To censor or not to censor?

The Washington Post reports:

Charlie Hebdo censorship controversy at the University of Minnesota

Colleen Flaherty (Inside Higher Ed) reports (see also this Minnesota Daily story). This is very troubling stuff, involving a leading public university and a demand to take down posters describing a serious academic panel. Here’s my understanding of the matter, from the Inside Higher Ed story (which you should read) and from other sources:

1. Several professors put together a panel on the Charlie Hebdo murders; the panel was promoted with the flyer quoted above, which includes the cover of the first post-murder issue, with a “CENSORED” stamp added on top of it. “The flyer was published on the various unit sponsors’ websites and elsewhere on campus.” The event, according to the participants, drew a lot of attendees, and apparently wasn’t disrupted in any way.
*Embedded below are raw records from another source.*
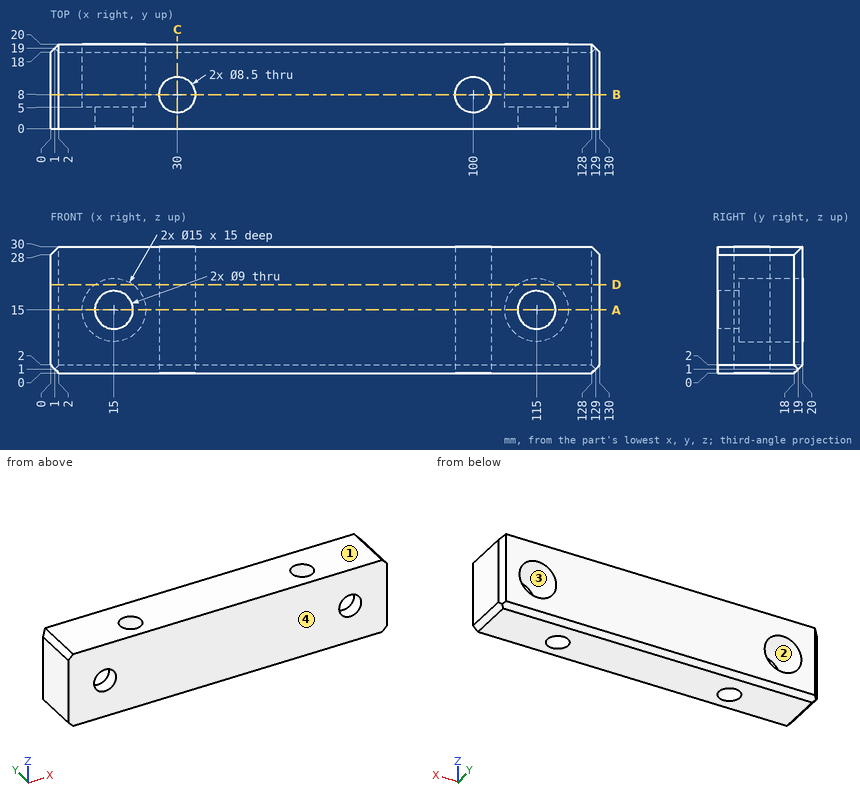
The figure shows three views and two pictorial views of one solid part (mm, origin at its lowest corner). Answer the questions. Give positions to 0.01 mm unless a question says otherwise; leave off trailing zeros. Loops run counter-clockwise (first coordinate to the right, second up) from the corner with the lowest first, then second, coordinate; pieces in that order, holes last. Notation, with made-up numbers: (-10, 78) - (39, 78) arc R19 cw to (39, 97) - close; hole circle Ø6 at (18.5, 50.25). An arc over 180 degrees is marked (long way). Use one line per item in the form item = value.
1. Section D-D on z = 21 is taken. Give the vertices of the cut face in (x, y).
Calculated:
outline = (0, 0) - (130, 0) - (130, 18) - (128, 20) - (119.5, 20) - (119.5, 5) - (110.5, 5) - (110.5, 20) - (19.5, 20) - (19.5, 5) - (10.5, 5) - (10.5, 20) - (2, 20) - (0, 18) - close; hole circle Ø8.5 at (30, 8); hole circle Ø8.5 at (100, 8)
2. Section A-A on z = 15 is taken. Give the vertices of the cut face in (x, y).
Calculated:
outline = (0, 0) - (10.5, 0) - (10.5, 5) - (7.5, 5) - (7.5, 20) - (2, 20) - (0, 18) - close; (19.5, 0) - (110.5, 0) - (110.5, 5) - (107.5, 5) - (107.5, 20) - (22.5, 20) - (22.5, 5) - (19.5, 5) - close; (119.5, 0) - (130, 0) - (130, 18) - (128, 20) - (122.5, 20) - (122.5, 5) - (119.5, 5) - close; hole circle Ø8.5 at (30, 8); hole circle Ø8.5 at (100, 8)
3. Section B-B on y = 8 is taken. Give the vertices of the cut face in (x, z), then the cut area to 3 significant figures.
Calculated:
outline = (0, 2) - (2, 0) - (25.75, 0) - (25.75, 30) - (2, 30) - (0, 28) - close; (34.25, 0) - (95.75, 0) - (95.75, 30) - (34.25, 30) - close; (104.25, 0) - (128, 0) - (130, 2) - (130, 28) - (128, 30) - (104.25, 30) - close; hole circle Ø15 at (15, 15); hole circle Ø15 at (115, 15)
area = 3,030 mm^2
4. The mould has two halves that part along Z. Classify the marked faces 1, 2, 3 and 4: pulls with the +Z half, pulls with the -Z half, needs draft (parallel to the pull), parting line crosses it, or undercut.
Calculated:
face_1 = pulls with the +Z half
face_2 = undercut
face_3 = undercut
face_4 = needs draft
5. Find the intervals of material crossed by line 1 along X through (y, z) = (6.5, 5); line 2 along Z through (x, y) = (15, 3.45); line 3 along Y through (x, z) = (100, 17.25), in increasing order. Write a range as [from, to].
Calculated:
line_1 = [0, 26.02], [33.98, 96.02], [103.98, 130]
line_2 = [0, 10.5], [19.5, 30]
line_3 = [0, 3.75], [12.25, 20]
6. Section C-C on x = 30 is taken. Give the vertices of the cut face in (y, z).
Calculated:
outline = (0, 0) - (3.75, 0) - (3.75, 30) - (0, 30) - close; (12.25, 0) - (18, 0) - (20, 2) - (20, 30) - (12.25, 30) - close
7. Given pin 1 Ø16.5 at (x, z) = (14, 18.5) entering from +Y; pin 2 Ø7.5 at (x, z) = (113, 14.5) entering from +Y, each flat-ended and moving along its own axis, determine where each tip first touches the part or whether it passes through.
Calculated:
pin_1 = 20
pin_2 = 5
Could you check a few things on this model? Use its own coordinates, in mm. A direction names the side the tool comes from. Coordinates: 2 decimals unless noted, no trailing zeros. Order: outer loops, then holes, each group sorted by start corner. A loop starts at its lowest first (then second) coordinate and runs counter-clockwise, first axis right, second up. Notation, with made-up numbers: M 75.25,-14.75 L 83.25,-14.75 A16 cw 83.25,-7.75 Z; hole C 60.5,-17.5 d6. An arc over 180 degrees is marked long. One line per question, with ' | ' between items. Start each with the question number.
from build123d import *

# Parameters (mm, degrees)
BOSS_EXTRUDE1_DEPTH = 342.5
SKETCH2_W           = 15
SKETCH2_H           = 75
BOSS_EXTRUDE2_DEPTH = 57.5
SKETCH3_R           = 13
CUT_EXTRUDE1_DEPTH  = 57.5


with BuildPart() as part:
    # Sketch1 → Boss-Extrude1 (new, symmetric)
    with BuildSketch(Plane(origin=(0, 0, 0), x_dir=(1, 0, 0), z_dir=(0, 1, 0))):
        Polygon((0, -37.5), (0, 37.5), (10, 42.881796684), (65, 60), (65, 45), (30, 35), (30, -35), (65, -45), (65, -60), (10, -42.881796684), align=None)
    extrude(amount=BOSS_EXTRUDE1_DEPTH, both=True)

    # Sketch2 → Boss-Extrude2 (add)
    with BuildSketch(Plane.XZ.offset(342.5)):
        with Locations((7.5, 0)):
            Rectangle(SKETCH2_W, SKETCH2_H)
    boss_extrude2 = extrude(amount=BOSS_EXTRUDE2_DEPTH)

    # Mirror1: Boss-Extrude2 across plane
    add(boss_extrude2.mirror(Plane.ZX))

    # Sketch3 → Cut-Extrude1 (cut)
    with BuildSketch(Plane.ZY):
        with Locations((0, 377.5)):
            Circle(SKETCH3_R)
        with Locations((0, -377.5)):
            Circle(SKETCH3_R)
    extrude(amount=-CUT_EXTRUDE1_DEPTH, mode=Mode.SUBTRACT)


solid = part.part
(1) Imagine slicing it at B-B, the plane z = 0. Write out the boundary of the cut face in (x, y).
(2) Imagine slicing it at C-C, the plane x = 52. Write out the boundary of the cut face in (y, z).
(3) Imagine slicing it at A-A, the plane y = -377.5. Write out the boundary of the cut face in (x, z).
(4) We'd pull the mould along Y, two halves only. Please class faces 1 (the flat face through (7, -400, 1)), 2 (the flat face through (7, 400, 1)), 3 (the flat face through (0, -6, -1)), 4 (the cylindrical face through (7.4, -390.19, -2.82)): +Y half, -Y half, draft (parallel to the pull), parting line (faces both ways), or undercut.
(5) Imagine slicing it at D-D, the plane y = -277. Write out the boundary of the cut face in (x, z).
(6) If I drill on line 1 along Y through (x, z) = (6.5, 0); line 2 along Y through (x, z) = (12.5, -10.5); line 3 along Z through (x, y) = (5, -377), over which ranges is the centre line in solid material (lowest first)? Write a range as from..to.
(7) For P1, Ø15.5, axis at y = -377.5, z = 0, coming from the -X side; P2, Ø2, axis at x = 48.5, y = 118.5, coming from the -Z side; P3, Ø16.5, axis at x = 6, y = -378.5, coming from the +Z side; P4, Ø6, axis at x = 45.5, y = 207, coming from the -Z side, each with a flat end and sliding along its axis, tell me the tip position at first contact or that it passes through.
(8) On a 3-axis mill with a long thin cutter (end or side, diameter ignored), from which of +Z, -Z, +X, -X, +Y, -Y can I reach the whole of each face in a straight line? I mean faces 5 (the flat face through (47.74, 4.8, -40.07)), 6 (the flat face through (15, -364, -1)), 7 (the flat face through (7, -371, 37.5)). Say none if no direction works.
Answers:
1) outline: M 0,-400 L 15,-400 L 15,-390.5 L 0,-390.5 Z; M 0,-364.5 L 15,-364.5 L 15,-342.5 L 30,-342.5 L 30,342.5 L 15,342.5 L 15,364.5 L 0,364.5 Z; M 0,390.5 L 15,390.5 L 15,400 L 0,400 Z
2) outline: M -342.5,-55.95 L 342.5,-55.95 L 342.5,-41.29 L -342.5,-41.29 Z; M -342.5,41.29 L 342.5,41.29 L 342.5,55.95 L -342.5,55.95 Z
3) outline: M 0,-37.5 L 15,-37.5 L 15,-13 L 0,-13 Z; M 0,13 L 15,13 L 15,37.5 L 0,37.5 Z
4) face 1: -Y half | face 2: +Y half | face 3: draft | face 4: undercut
5) outline: M 0,-37.5 L 10,-42.88 L 65,-60 L 65,-45 L 30,-35 L 30,35 L 65,45 L 65,60 L 10,42.88 L 0,37.5 Z
6) line 1: -400..-390.5, -364.5..364.5, 390.5..400 | line 2: -400..-385.16, -369.84..369.84, 385.16..400 | line 3: -37.5..-12.99, 12.99..37.5
7) P1: through | P2: z = -55.18 | P3: z = 37.5 | P4: z = -54.86
8) face 5: +X, +Y, -Y | face 6: +Z, -Z, +X, -Y | face 7: +Z, +X, -X, -Y

2. But then, after the event, “eight people — four students, a retired professor, an adjunct professor and two others from outside the university — contacted equal opportunity personnel to express concern that the flyer ‘featured a depiction of Muhammad, which they and many other Muslims consider blasphemous and/or insulting.’” The university also got a petition from 260 students and staff members, plus about 45 others, which condemned the flyer as “very offensive” and said it “violated our religious identity and hurt our deeply held religious affiliations for our beloved prophet (peace be upon him). Knowing that these caricatures hurt and are condemned by 1.75 billion Muslims in the world, the university should not have recirculated/reproduced them.”